After nearly becoming a homicidal mother, Mia swings to the opposite extreme and decides to commit suicide in order to save her daughter. But despite these fraught blood relations, the movie eventually seems to realise that no mother or daughter should have to die so that the other might live. To move beyond this hysterical view of a world consisting of self-sacrificial angels or selfish devils, the movie creates another character, Evelyn, who accidentally did kill her own daughter and who pays the price for that death by killing herself in order to save Mia’s baby girl. By acting out the two extremes of murder and self-martyrdom, Evelyn frees Mia to be a regular mother to her ordinary daughter, to have a mother-daughter relationship that isn’t perfect but is good enough.
Director: William Brent Bell
Cast: Lauren Cohan (Greta), Rupert Evans (Malcolm), Ben Robson (Cole), James Russell (Brahms)
When a young American named Greta takes a job as a nanny in an isolated English mansion, she discovers that the boy she is expected to tend is really a life-sized doll, an uncannily exact replica of an eight-year-old called Brahms who died years ago. While at first she jokingly dismisses him as a mere toy, Greta becomes increasingly unnerved by the creature’s apparently animate behaviour, making her fear that the doll is alive or has been possessed by the spirit of the dead boy. As she is fixing her hair in a mirror, Greta hears a clattering behind her and runs to find Brahms’s playthings strewn about the floor of his room. In another scene, Greta is looking into her bedroom mirror when she is unsettled by the sight of the boy doll propped up in bed behind her, apparently staring at her. Later, after brushing her teeth in her bathroom mirror, Greta walks to the bed and turns the doll’s face away from her, only to have him turn it back! But this turns out to have been a nightmare she had while asleep. Greta is often troubled by sounds of a boy crying. One time when she runs to the doll to check on him, she sees a tear fall from his eye – but this is revealed to be from rainwater dripping from the ceiling.
The fact that so many of these ‘creepy doll’ moments have to do with mirror images of herself suggests that Greta is really being haunted by something within her own psyche. She recently lost a child to a miscarriage, and her unresolved grief may be the cause of her feeling that a dead boy has a claim on her, that she is still obligated to nurture this lifeless ‘child’, to help him and herself stop crying. However, by dressing, ‘feeding’ and reading to this substitute for her dead child, Greta is in danger of being dragged down into grief-stricken madness. When the boy doll ‘steals’ her dress to prevent her from going out on a date with a young man named Malcolm, this speaks to Greta’s own inability to move on with her life, as she becomes enslaved by such rules as ‘Never Leave Brahms Alone’.

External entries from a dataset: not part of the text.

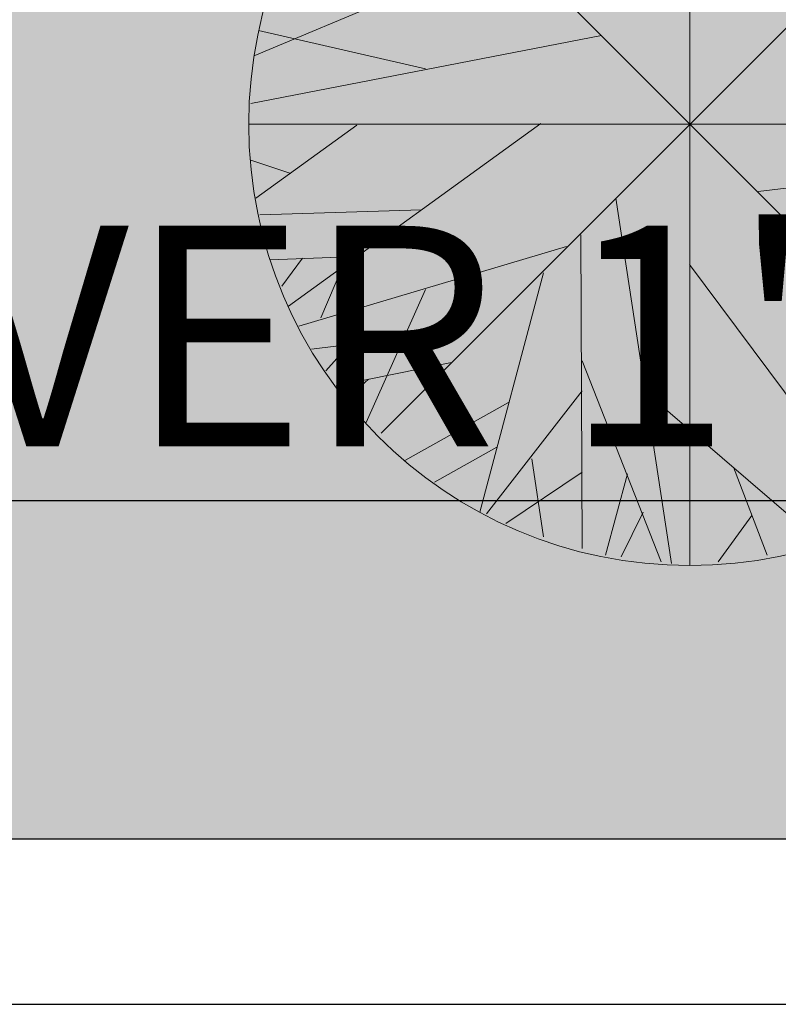
# Model space of a CAD drawing. Units: inches. Extents: x 459864 to 460310, y 324185 to 324787.
# Tile 56 of 112: x 460169 to 460189, y 324195 to 324222. Entities that reach past the tile are written whole.
import ezdxf

# ---------------------------------------------------------------- set-up
doc = ezdxf.new("R2010")
doc.units = ezdxf.units.IN
for name, color, linetype, lineweight in [('A-ANNO-DIMS', 2, 'Continuous', 18), ('C-PROP', 7, 'Continuous', 30), ('L-PLNT', 3, 'Continuous', 13), ('L-SITE-PATT', 252, 'Continuous', 13)]:
    doc.layers.add(name, color=color, linetype=linetype, lineweight=lineweight)
doc.styles.get("Standard").update_dxf_attribs({"font": 'arial.ttf'})
doc.dimstyles.new('ISO-25', dxfattribs={"dimtxt": 6, "dimasz": 2.5, "dimexe": 1.25, "dimexo": 0.625, "dimtad": 1, "dimdec": 1, "dimlunit": 3, "dimtxsty": 'Standard', "dimcen": 2.5, "dimadec": 0, "dimazin": 0, "dimtfac": 1, "dimtdec": 1, "dimtmove": 0, "dimatfit": 3, "dimfxl": 1, "dimarcsym": 0})

# ---------------------------------------------------------------- blocks, each defined once
blk = doc.blocks.new('Tree - deciduous plan')
for p, q in [((0, 59.9996), (0, -60)), ((42, 42), (-42, -42)), ((42, -42), (-42, 42)), ((-32.2571, 20.6333), (-59.1937, 9.348)), ((-59.7219, 2.8025), (-12.0106, 12.0565)), ((-58.6656, 12.7336), (-35.9543, 7.5424)), ((-54.6162, -24.7335), (-20.2853, 0.0941)), ((-60, 0), (60, 0)), ((-45.2853, -0.1316), (-59.0177, -10.0627)), ((9.2922, -9.1598), (59.6443, -2.8401)), ((-59.7219, -4.8714), (-54.2641, -6.6771)), ((-10.074, -10.0627), (-2.5036, -59.7178)), ((-58.4895, -12.3197), (-36.4825, -11.6426)), ((-14.8275, -15.0282), (-14.6515, -57.6865)), ((-53.2078, -27.442), (-16.7641, -16.6081)), ((-57.081, -18.4138), (-45.2853, -17.9624)), ((-52.6797, -18.188), (-55.4966, -22.0251)), ((-47.2219, -19.3166), (-50.2148, -26.3135)), ((-0.0388, -19.0909), (25.8415, -53.8495)), ((-19.9331, -20.2194), (-28.5599, -52.721)), ((-35.9543, -22.4765), (-44.0529, -40.5329)), ((-38.9472, -29.0219), (-51.4472, -30.6018)), ((-46.5177, -30.1504), (-49.5106, -33.536)), ((-32.4331, -32.4075), (-48.1021, -35.5674)), ((-14.6515, -32.1818), (-3.912, -59.4922)), ((-43.7008, -34.6645), (-46.6937, -37.373)), ((-14.6515, -36.2445), (-27.6797, -52.9467)), ((-6.2008, -36.2445), (17.919, -57.0094)), ((-24.6867, -37.8244), (-38.7712, -45.7241)), ((-26.2712, -43.9185), (-34.7219, -48.6583)), ((-21.5177, -45.4984), (-19.9331, -56.1065)), ((5.9471, -46.6269), (10.5246, -58.5893)), ((-14.6515, -47.3041), (-25.0388, -54.3009)), ((-8.4895, -47.5298), (-11.4825, -58.5893)), ((-6.3768, -52.721), (-9.3698, -58.815)), ((8.4119, -53.1724), (3.8344, -59.4922))]:
    blk.add_line(p, q)
blk.add_circle((0, 0), 60)
blk = doc.blocks.new('*D34')
at = {"layer": 'A-ANNO-DIMS', "color": 0, "lineweight": -2, "transparency": 16777216}
for p, q in [((460132.814, 324211.063), (460132.814, 324207.434)), ((460152.838, 324211.063), (460152.838, 324207.434)), ((460135.314, 324208.684), (460150.338, 324208.684)), ((460152.838, 324208.684), (460202.984, 324208.684))]:
    blk.add_line(p, q, dxfattribs=at)
at = {"layer": 'A-ANNO-DIMS', "color": 0, "transparency": 16777216}
for points in [[(460135.314, 324209.101), (460135.314, 324208.268), (460132.814, 324208.684)], [(460150.338, 324209.101), (460150.338, 324208.268), (460152.838, 324208.684)]]:
    blk.add_solid(points, dxfattribs=at)
at = {"layer": 'Defpoints', "color": 0, "transparency": 16777216}
for p in [(460132.814, 324211.688), (460152.838, 324211.688), (460152.838, 324208.684)]:
    blk.add_point(p, dxfattribs=at)
at = {"layer": 'A-ANNO-DIMS', "color": 0, "transparency": 16777216, "insert": (460179.161, 324212.373), "char_height": 6, "attachment_point": 5}
blk.add_mtext('PAVER 1\'-8"', dxfattribs=at)

msp = doc.modelspace()

# ---------------------------------------------------------------- hatches: boundary and pattern name
at = {"layer": 'L-SITE-PATT'}
h = msp.add_hatch(dxfattribs=at)
h.set_pattern_fill('DOTS', color=256)
h.paths.add_polyline_path([(460269.804, 324283.483), (460247.115, 324283.483), (460121.929, 324283.483), (460121.929, 324252.473), (460117.429, 324252.473), (460110.124, 324252.473), (460110.124, 324243.287), (460080.83, 324243.287), (460080.83, 324252.473), (460061.115, 324252.473), (460061.115, 324251.882), (460077.909, 324251.882), (460077.909, 324199.483), (460080.83, 324199.483), (460080.83, 324207.553), (460110.124, 324207.553), (460110.124, 324199.483), (460110.813, 324199.483), (460262.115, 324199.483), (460269.804, 324199.483)], flags=17)
edge = h.paths.add_edge_path(flags=0)
edge.add_ellipse((460222.59, 324263.813), major_axis=(-8.485, 8.485), ratio=1, start_angle=405, end_angle=495, ccw=False)
edge.add_line((460214.821, 324254.66), (460214.832, 324254.666))
edge.add_ellipse((460222.59, 324263.813), major_axis=(-8.485, 8.485), ratio=1, start_angle=405, end_angle=495, ccw=False)
edge.add_line((460210.759, 324261.781), (460210.768, 324261.787))
edge.add_ellipse((460222.59, 324263.813), major_axis=(-8.485, 8.485), ratio=1, start_angle=405, end_angle=495, ccw=False)
edge.add_ellipse((460222.59, 324263.813), major_axis=(-8.485, 8.485), ratio=1, start_angle=392.754, end_angle=405, ccw=False)
edge.add_ellipse((460222.59, 324263.813), major_axis=(-8.485, 8.485), ratio=1, start_angle=380.9347, end_angle=392.754, ccw=False)
edge.add_line((460211.337, 324267.985), (460211.34, 324267.985))
edge.add_ellipse((460222.59, 324263.813), major_axis=(-8.485, 8.485), ratio=1, start_angle=380.9347, end_angle=392.754, ccw=False)
edge.add_ellipse((460222.59, 324263.813), major_axis=(-8.485, 8.485), ratio=1, start_angle=347.9015, end_angle=380.9347, ccw=False)
edge.add_ellipse((460222.59, 324263.813), major_axis=(-8.485, 8.485), ratio=1, start_angle=327.0619, end_angle=347.9015, ccw=False)
edge.add_ellipse((460222.59, 324263.813), major_axis=(-8.485, 8.485), ratio=1, start_angle=278.3246, end_angle=327.0619, ccw=False)
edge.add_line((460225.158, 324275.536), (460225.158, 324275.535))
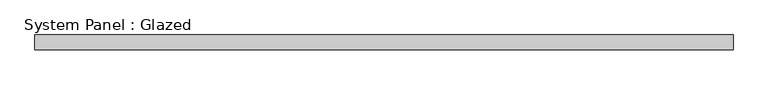
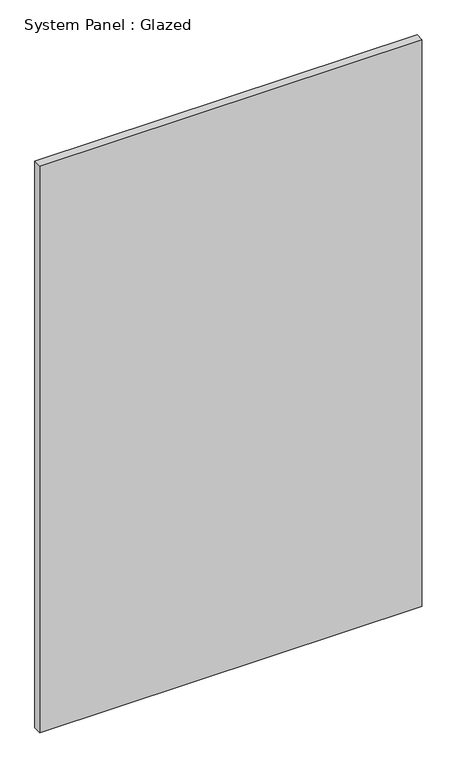
"""IFC4 building model written with IfcOpenShell, lengths in millimetres: plate geometry, System Panel : Glazed."""

from ifc_helpers import new_model, si_unit, origin, origin_with_axes, place, context, project, spatial, polyline, outline, extrude, source, transform, mapped, element, save


def system_panel_glazed_f54daf4a(model_context):
    return source(origin(), model_context, "Body", "SweptSolid", [
        extrude(outline(polyline([(600.075, 19.05), (-600.075, 19.05), (-600.075, 44.45), (600.075, 44.45), (600.075, 19.05)])), origin_with_axes(), (0.0, 0.0, 1.0), 1882.4971724),
    ])


if __name__ == "__main__":
    model = new_model("IFC4")
    model_context = context("Model", 3, world=origin())
    ifc_project = project(units=[si_unit("LENGTHUNIT", "METRE", prefix="MILLI")], contexts=[model_context])
    site = spatial("IfcSite", under=ifc_project)
    building = spatial("IfcBuilding", under=site)
    placement = place(None, origin())
    system_panel_glazed_shape = system_panel_glazed_f54daf4a(model_context)
    element("IfcPlate", 1, ObjectType="System Panel : Glazed", at=placement, inside=building, context=model_context, shape_type="MappedRepresentation", body=[
        mapped(system_panel_glazed_shape, transform((0.0, 0.0, 0.0), x_axis=(1.0, 0.0, 0.0), y_axis=(0.0, 1.0, 0.0), z_axis=(0.0, 0.0, 1.0))),
    ])
    save(model, "model.ifc")

# Revit data of these elements
# Type "System Panel : Glazed"
#   Construction Type Id = "GSP4R"
#   Analytic Construction = "1/8 in Pilkington single glazing"
#   Visual Light Transmittance = 0.9
#   Solar Heat Gain Coefficient = 0.86
#   Heat Transfer Coefficient (U) = 1.18115 BTU/(h·ft²·°F)
#   Define Thermal Properties by = 1
# Element 1 (IfcPlate, "System Panel : Glazed")
#   Materials on its faces: "Glass"
# Materials
#   "Glass": class "Glass", colour RGB 0 128 192, transparency 0.75, Description = "Soda Lime Glass", Cost = 0

The doll’s ‘jealousy’ regarding Malcolm is also a reminder of Greta’s possessive and abusive ex-boyfriend, Cole, whose violence towards her was what caused her miscarriage. When Greta imagines the doll spying on her in the shower or interrupting her intended lovemaking with Malcolm so that she must run and tend to the doll, she is being haunted by the memory of her lustful and selfish ex-lover. Indeed, Cole actually shows up to claim her, causing the doll child that Greta was holding to drop and break in a repetition of the miscarriage.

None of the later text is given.